With Socrates and Plato, scepticism exhibits itself under two new aspects: as an accompaniment of religious belief, and as an element of constructive thought. Thus they represent both the good and the bad side of this tendency: the aspect under which it is a help, and the aspect under which it is a hindrance to scientific investigation. With both philosophers, however, the restriction or negation of human knowledge was a consequence rather than a cause of their theological convictions; nor do they seem to have appreciated its value as a weapon in the controversy with religious unbelief. When Socrates represented the irreconcilable divergence in the explanations of Nature offered by previous thinkers as a sufficient condemnation of their several pretensions, he did not set this fact against the arguments by which a Xenophanes had similarly endeavoured to overthrow the popular mythology; but he looked on it as a fatal consequence of their insane presumption in meddling with the secrets of the gods. On one occasion only, when explaining to Euthydêmus that the invisibility of the gods is no reason for doubting their existence, he argues, somewhat in Butler’s style, that our own minds, whose existence we cannot doubt, are equally invisible.[222] And the Platonic Socrates makes it his business to demonstrate the universality of human ignorance, not as a caution against dogmatic unbelief, but as a glorification of the divine knowledge; though how we come to know that there is any such knowledge he leaves utterly unexplained.

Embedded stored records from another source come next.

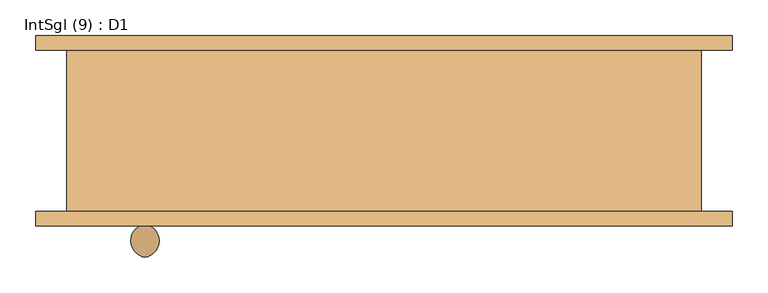
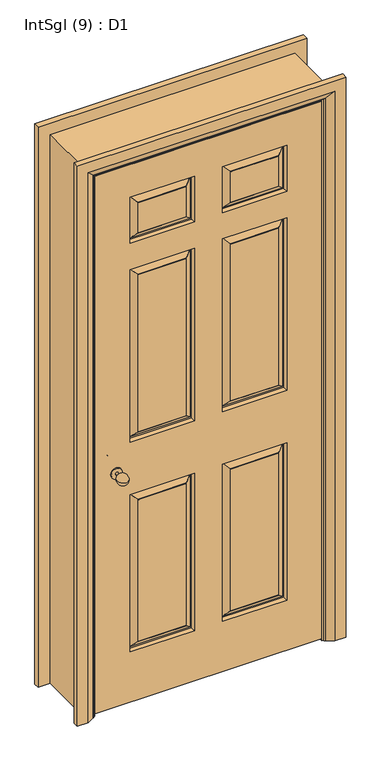
"""IFC4 building model written with IfcOpenShell, lengths in millimetres: door geometry, IntSgl (9) : D1."""

from ifc_helpers import new_model, si_unit, point, frame, origin, place, context, project, spatial, polyline, circle_curve, ellipse_curve, trimmed, outline, extrude, faceted_brep, source, transform, mapped, element, save
from ifc_brep_helpers import plane_surface, cylinder_surface, revolved_surface, advanced_brep


def intsgl_9_d1_bc548916(model_context):
    return source(origin(), model_context, "Body", "SolidModel", [
        advanced_brep(
        [(-328.0, -55.5, 900.0), (-338.0, -55.5, 900.0), (-333.0, -11.062589, 900.0), (-328.0, -70.5, 900.0), (-338.0, -70.5, 900.0), (-353.0, -74.5, 900.0), (-313.0, -74.5, 900.0), (-353.0, -70.5, 900.0), (-313.0, -70.5, 900.0)],
        [
            (0, 1, circle_curve(frame((-333.0, -55.5, 900.0), z_axis=(0.0, 1.0, 0.0), x_axis=(-1.0, 0.0, 0.0)), 5.0)),
            (1, 2, circle_curve(frame((-329.8115138, -33.9213505, 900.0), z_axis=(0.0, 0.0, -1.0), x_axis=(0.0, -1.0, 0.0)), 23.0800654)),
            (2, 0, circle_curve(frame((-336.1884862, -33.9213505, 900.0), z_axis=(0.0, 0.0, -1.0), x_axis=(0.0, -1.0, 0.0)), 23.0800654)),
            (1, 0, circle_curve(frame((-333.0, -55.5, 900.0), z_axis=(0.0, 1.0, 0.0), x_axis=(-1.0, 0.0, 0.0)), 5.0)),
            (0, 3),
            (3, 4, circle_curve(frame((-333.0, -70.5, 900.0), z_axis=(0.0, 1.0, 0.0), x_axis=(-1.0, 0.0, 0.0)), 5.0)),
            (4, 1),
            (4, 3, circle_curve(frame((-333.0, -70.5, 900.0), z_axis=(0.0, 1.0, 0.0), x_axis=(-1.0, 0.0, 0.0)), 5.0)),
            (5, 6, circle_curve(frame((-333.0, -74.5, 900.0), z_axis=(0.0, -1.0, 0.0), x_axis=(1.0, 0.0, 0.0)), 20.0)),
            (6, 5, circle_curve(frame((-333.0, -74.5, 900.0), z_axis=(0.0, -1.0, 0.0), x_axis=(1.0, 0.0, 0.0)), 20.0)),
            (7, 8, circle_curve(frame((-333.0, -70.5, 900.0), z_axis=(0.0, 1.0, 0.0), x_axis=(1.0, 0.0, 0.0)), 20.0)),
            (8, 7, circle_curve(frame((-333.0, -70.5, 900.0), z_axis=(0.0, 1.0, 0.0), x_axis=(1.0, 0.0, 0.0)), 20.0)),
            (5, 7),
            (8, 6),
        ],
        [
            revolved_surface(trimmed(ellipse_curve(frame((-329.8115138, -33.9213505, 900.0), z_axis=(0.0, 0.0, 1.0), x_axis=(0.0, -1.0, 0.0)), 23.0800654, 23.0800654), [point((-333.0, -11.062589, 900.0))], [point((-338.0, -55.5, 900.0))], True, "CARTESIAN"), (-333.0, -70.5, 900.0), (0.0, -1.0, 0.0)),
            cylinder_surface(frame((-333.0, -70.5, 900.0), z_axis=(0.0, -1.0, 0.0), x_axis=(-1.0, 0.0, 0.0)), 5.0),
            plane_surface(frame((-313.0, -74.5, 900.0), z_axis=(0.0, -1.0, 0.0), x_axis=(0.0, 0.0, 1.0))),
            plane_surface(frame((-313.0, -70.5, 900.0), z_axis=(0.0, 1.0, 0.0), x_axis=(0.0, 0.0, -1.0))),
            cylinder_surface(frame((-333.0, -70.5, 900.0), z_axis=(0.0, -1.0, 0.0), x_axis=(1.0, 0.0, 0.0)), 20.0),
        ],
        [
            (0, [[1, 2, 3]]),
            (0, [[-2, 4, -3]]),
            (1, [[-1, 5, 6, 7]]),
            (1, [[-4, -7, 8, -5]]),
            (2, [[9, 10]]),
            (3, [[11, 12], [-6, -8]]),
            (4, [[-9, 13, -12, 14]]),
            (4, [[-10, -14, -11, -13]]),
        ],
    ),
        advanced_brep(
        [(-328.0, -131.5, 900.0), (-333.0, -175.937411, 900.0), (-338.0, -131.5, 900.0), (-338.0, -116.5, 900.0), (-328.0, -116.5, 900.0), (-353.0, -112.5, 900.0), (-313.0, -112.5, 900.0), (-353.0, -116.5, 900.0), (-313.0, -116.5, 900.0)],
        [
            (0, 1, circle_curve(frame((-336.1884862, -153.0786495, 900.0), z_axis=(0.0, 0.0, -1.0), x_axis=(0.0, 1.0, 0.0)), 23.0800654)),
            (1, 2, circle_curve(frame((-329.8115138, -153.0786495, 900.0), z_axis=(0.0, 0.0, -1.0), x_axis=(0.0, 1.0, 0.0)), 23.0800654)),
            (2, 0, circle_curve(frame((-333.0, -131.5, 900.0), z_axis=(0.0, -1.0, 0.0), x_axis=(-1.0, 0.0, 0.0)), 5.0)),
            (0, 2, circle_curve(frame((-333.0, -131.5, 900.0), z_axis=(0.0, -1.0, 0.0), x_axis=(-1.0, 0.0, 0.0)), 5.0)),
            (2, 3),
            (3, 4, circle_curve(frame((-333.0, -116.5, 900.0), z_axis=(0.0, -1.0, 0.0), x_axis=(-1.0, 0.0, 0.0)), 5.0)),
            (4, 0),
            (4, 3, circle_curve(frame((-333.0, -116.5, 900.0), z_axis=(0.0, -1.0, 0.0), x_axis=(-1.0, 0.0, 0.0)), 5.0)),
            (5, 6, circle_curve(frame((-333.0, -112.5, 900.0), z_axis=(0.0, 1.0, 0.0), x_axis=(1.0, 0.0, 0.0)), 20.0)),
            (6, 5, circle_curve(frame((-333.0, -112.5, 900.0), z_axis=(0.0, 1.0, 0.0), x_axis=(1.0, 0.0, 0.0)), 20.0)),
            (7, 8, circle_curve(frame((-333.0, -116.5, 900.0), z_axis=(0.0, -1.0, 0.0), x_axis=(1.0, 0.0, 0.0)), 20.0)),
            (8, 7, circle_curve(frame((-333.0, -116.5, 900.0), z_axis=(0.0, -1.0, 0.0), x_axis=(1.0, 0.0, 0.0)), 20.0)),
            (6, 8),
            (7, 5),
        ],
        [
            revolved_surface(trimmed(ellipse_curve(frame((-329.8115138, -153.0786495, 900.0), z_axis=(0.0, 0.0, -1.0), x_axis=(0.0, 1.0, 0.0)), 23.0800654, 23.0800654), [point((-333.0, -175.937411, 900.0))], [point((-338.0, -131.5, 900.0))], True, "CARTESIAN"), (-333.0, -116.5, 900.0), (0.0, 1.0, 0.0)),
            cylinder_surface(frame((-333.0, -116.5, 900.0), z_axis=(0.0, 1.0, 0.0), x_axis=(-1.0, 0.0, 0.0)), 5.0),
            plane_surface(frame((-313.0, -112.5, 900.0), z_axis=(0.0, 1.0, 0.0), x_axis=(0.0, 0.0, 1.0))),
            plane_surface(frame((-313.0, -116.5, 900.0), z_axis=(0.0, -1.0, 0.0), x_axis=(0.0, 0.0, -1.0))),
            cylinder_surface(frame((-333.0, -116.5, 900.0), z_axis=(0.0, 1.0, 0.0), x_axis=(1.0, 0.0, 0.0)), 20.0),
        ],
        [
            (0, [[1, 2, 3]]),
            (0, [[-1, 4, -2]]),
            (1, [[5, 6, 7, -3]]),
            (1, [[-7, 8, -5, -4]]),
            (2, [[9, 10]]),
            (3, [[11, 12], [-8, -6]]),
            (4, [[13, -11, 14, -10]]),
            (4, [[-14, -12, -13, -9]]),
        ],
    ),
        faceted_brep([(-408.0, -74.5, 2058.0), (408.0, -74.5, 2058.0), (408.0, -74.5, 8.0), (-408.0, -74.5, 8.0), (-50.0, -74.5, 800.0), (-283.0, -74.5, 800.0), (-283.0, -74.5, 200.0), (-50.0, -74.5, 200.0), (283.0, -74.5, 800.0), (50.0, -74.5, 800.0), (50.0, -74.5, 200.0), (283.0, -74.5, 200.0), (-50.0, -74.5, 1658.0), (-283.0, -74.5, 1658.0), (-283.0, -74.5, 1000.0), (-50.0, -74.5, 1000.0), (283.0, -74.5, 1658.0), (50.0, -74.5, 1658.0), (50.0, -74.5, 1000.0), (283.0, -74.5, 1000.0), (-50.0, -74.5, 1933.0), (-283.0, -74.5, 1933.0), (-283.0, -74.5, 1758.0), (-50.0, -74.5, 1758.0), (283.0, -74.5, 1933.0), (50.0, -74.5, 1933.0), (50.0, -74.5, 1758.0), (283.0, -74.5, 1758.0), (-80.0, -74.5, 230.0), (-253.0, -74.5, 230.0), (-253.0, -74.5, 770.0), (-80.0, -74.5, 770.0), (253.0, -74.5, 230.0), (80.0, -74.5, 230.0), (80.0, -74.5, 770.0), (253.0, -74.5, 770.0), (-80.0, -74.5, 1030.0), (-253.0, -74.5, 1030.0), (-253.0, -74.5, 1628.0), (-80.0, -74.5, 1628.0), (253.0, -74.5, 1030.0), (80.0, -74.5, 1030.0), (80.0, -74.5, 1628.0), (253.0, -74.5, 1628.0), (-80.0, -74.5, 1788.0), (-253.0, -74.5, 1788.0), (-253.0, -74.5, 1903.0), (-80.0, -74.5, 1903.0), (253.0, -74.5, 1788.0), (80.0, -74.5, 1788.0), (80.0, -74.5, 1903.0), (253.0, -74.5, 1903.0), (-408.0, -112.5, 2058.0), (-408.0, -112.5, 8.0), (408.0, -112.5, 8.0), (408.0, -112.5, 2058.0), (50.0, -112.5, 800.0), (283.0, -112.5, 800.0), (283.0, -112.5, 200.0), (50.0, -112.5, 200.0), (-283.0, -112.5, 800.0), (-50.0, -112.5, 800.0), (-50.0, -112.5, 200.0), (-283.0, -112.5, 200.0), (50.0, -112.5, 1658.0), (283.0, -112.5, 1658.0), (283.0, -112.5, 1000.0), (50.0, -112.5, 1000.0), (-283.0, -112.5, 1658.0), (-50.0, -112.5, 1658.0), (-50.0, -112.5, 1000.0), (-283.0, -112.5, 1000.0), (50.0, -112.5, 1933.0), (283.0, -112.5, 1933.0), (283.0, -112.5, 1758.0), (50.0, -112.5, 1758.0), (-283.0, -112.5, 1933.0), (-50.0, -112.5, 1933.0), (-50.0, -112.5, 1758.0), (-283.0, -112.5, 1758.0), (80.0, -112.5, 230.0), (253.0, -112.5, 230.0), (253.0, -112.5, 770.0), (80.0, -112.5, 770.0), (-253.0, -112.5, 230.0), (-80.0, -112.5, 230.0), (-80.0, -112.5, 770.0), (-253.0, -112.5, 770.0), (80.0, -112.5, 1030.0), (253.0, -112.5, 1030.0), (253.0, -112.5, 1628.0), (80.0, -112.5, 1628.0), (-253.0, -112.5, 1030.0), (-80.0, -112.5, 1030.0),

In Plato’s Parmenides we have to note the germ of a new dialectic. There it is suggested that we may overcome the difficulties attending a particular theory—in this instance the theory of self-existing ideas—by considering how much greater are the difficulties which would ensue on its rejection. The arguments advanced by Zeno the Eleatic against the reality of motion are mentioned as a case in point; and Plato proceeds to illustrate his proposed method by showing what consequences respectively follow if we first assume the existence, and then the non-existence of the One; but the whole analysis seems valueless for its immediate purpose, since the resulting impossibilities on either side are left exactly balanced; and Plato does not, like some modern metaphysicians, call in our affections to decide the controversy.